***********UPDATE PLEASE REFER TO THE POST AT THIS LINK FOR UPDATED INFORMATION ON THIS SCRIPT***********************
The most common request I get for scripts here at Pure Storage is an UNMAP script using PowerCLI. I have a basic one here that does the trick–UNMAPs Pure Storage volumes in a vCenter. That being said it is pretty dumb–doesn’t tell you much about what happened other than what volumes it is reclaiming (or not reclaiming) and moves on. A few requests have come in recently for something a little more in-depth. Most notably the ability to see how much space has been reclaimed. This information cannot be gathered from the VMware side of things–it has to come from the FlashArray.
There are two options here–either use our REST APIs or use our PowerShell toolkit to get this information (which just wraps the REST calls). For this script I chose to use the REST API directly from within PowerShell. What this script does is:
- Connects to the vCenter and FlashArray
- Finds all of the datastores and counts how many are actually Pure Storage volumes (NAA comparison)

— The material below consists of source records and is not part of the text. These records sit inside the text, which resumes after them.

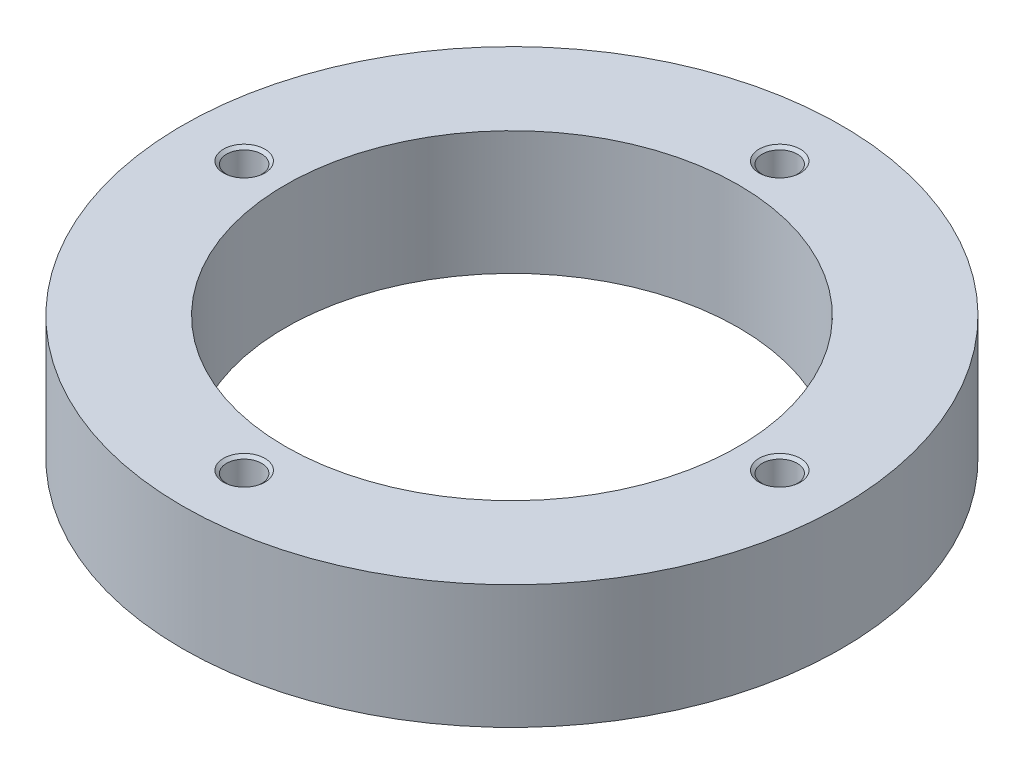
SolidWorks part; units mm, degrees
ref_plane "Front Plane" through (0, 0, 0) normal (0, 0, 1) x (1, 0, 0)
ref_plane "Top Plane" through (0, 0, 0) normal (0, 1, 0) x (1, 0, 0)
ref_plane "Right Plane" through (0, 0, 0) normal (1, 0, 0) x (0, 0, -1)
sketch "Sketch1" plane through (0, 0, 0) normal (0, 1, 0) x (1, 0, 0)
  line L0 (-107.9412, 0) -> (106.532, 0) construction
  line L2 (0, 91.8768) -> (0, -94.4133) construction
  circle A0 centre (0, 0) radius 80
  circle A1 centre (0, 0) radius 65 construction
  circle A2 centre (0, 0) radius 55
  dimension "D1" = 160
  dimension "D2" = 110
  dimension "130" = 130
extrude "Boss-Extrude1" add sketch "Sketch1" along normal blind 30
hole_wizard "M10 Tapped Hole1" positions "Sketch4" profile "Sketch5" tap size "M10" standard "GB"
sketch "Sketch4" plane through (0, 30, 0) normal (0, 1, 0) x (1, 0, 0)
  line L0 (0, 0) -> (80, 0) construction
  line L1 (0, 0) -> (0, 80) construction
  circle A0 centre (0, 0) radius 65 construction
  circle A1 centre (0, 0) radius 80 construction
  point P22 (65, 0)
  point P31 (0, -65)
  point P32 (-65, 0)
  point P33 (0, 65)
  dimension "D1" = 130
  dimension "D2" = 4
sketch "Sketch5" plane through (0, 30, -65) normal (1, 0, 0) x (0, 0, 1)
  line L0 (0, 0) -> (0, 24.5537)
  line L1 (0, 24.5537) -> (4.25, 22)
  line L2 (4.25, 22) -> (4.25, 0.6503)
  line L3 (4.25, 0.6503) -> (5.025, 0)
  line L5 (5.025, 0) -> (0, 0)
  line L6 (-4.25, 0.6503) -> (-5.025, 0) construction
  line L10 (0, 24.5537) -> (-4.25, 22) construction
  line L11 (0, -6.35) -> (0, 107.95) construction
  dimension "螺纹孔钻头直径" = 8.5
  dimension "螺纹孔钻头深度" = 22
  dimension "近端锥形沉头孔直径" = 10.05
  dimension "近端锥形沉头孔角度" = 100
  dimension "导头角度" = 118
cosmetic thread "Cosmetic thread 1"
cosmetic thread "Cosmetic thread 2"
cosmetic thread "Cosmetic thread 3"
cosmetic thread "Cosmetic thread 4"

- Iterates through all of the datastores
- Skips it if it is not Pure
- If it is, the current data reduction ratio is reported and so the is current physical written capacity on the FlashArray.
- Runs UNMAP on the datastore
- Reports the new data reduction and physical space after UNMAP completes and how much was reclaimed.
- Repeats for the rest of the volumes.
The script reports all of this to the console window, but it always throws it in a log file through add-content. If you don’t want it to return the info to the console, simply delete the write-host lines. If you don’t want it to log, delete the add-content lines.
There are a few required parameters–vCenter information (IP, username, password), FlashArray info (IP, username, password), UNMAP block count and a log file location. These are hard-coded parameters, but that can easily be changed by altering it to a read-host.
You may also note that after each UNMAP the script sleeps for 60 seconds–I do this so I make sure the FlashArray has time to update its information right after the UNMAP. 60 seconds is VERY conservative–probably 10 or so is fine, so feel free to mess with that number if you don’t like waiting. I also have another sleep at the end of each datastore operation to give a quick chance to review the latest results before it starts spewing the next datastore information on the screen (note this update didn’t make it into the video demo below–it doesn’t wait after each datastore).
See the script in action below. Essentially I am deleting a bunch of VMs across 4 datastores and then running the UNMAP. You can see the space get reclaimed on the FlashArray.
Note: You need particular access (see a blog post about that here) to vCenter to run UNMAP. For the FlashArray only Read Only is needed (higher of course is fine too).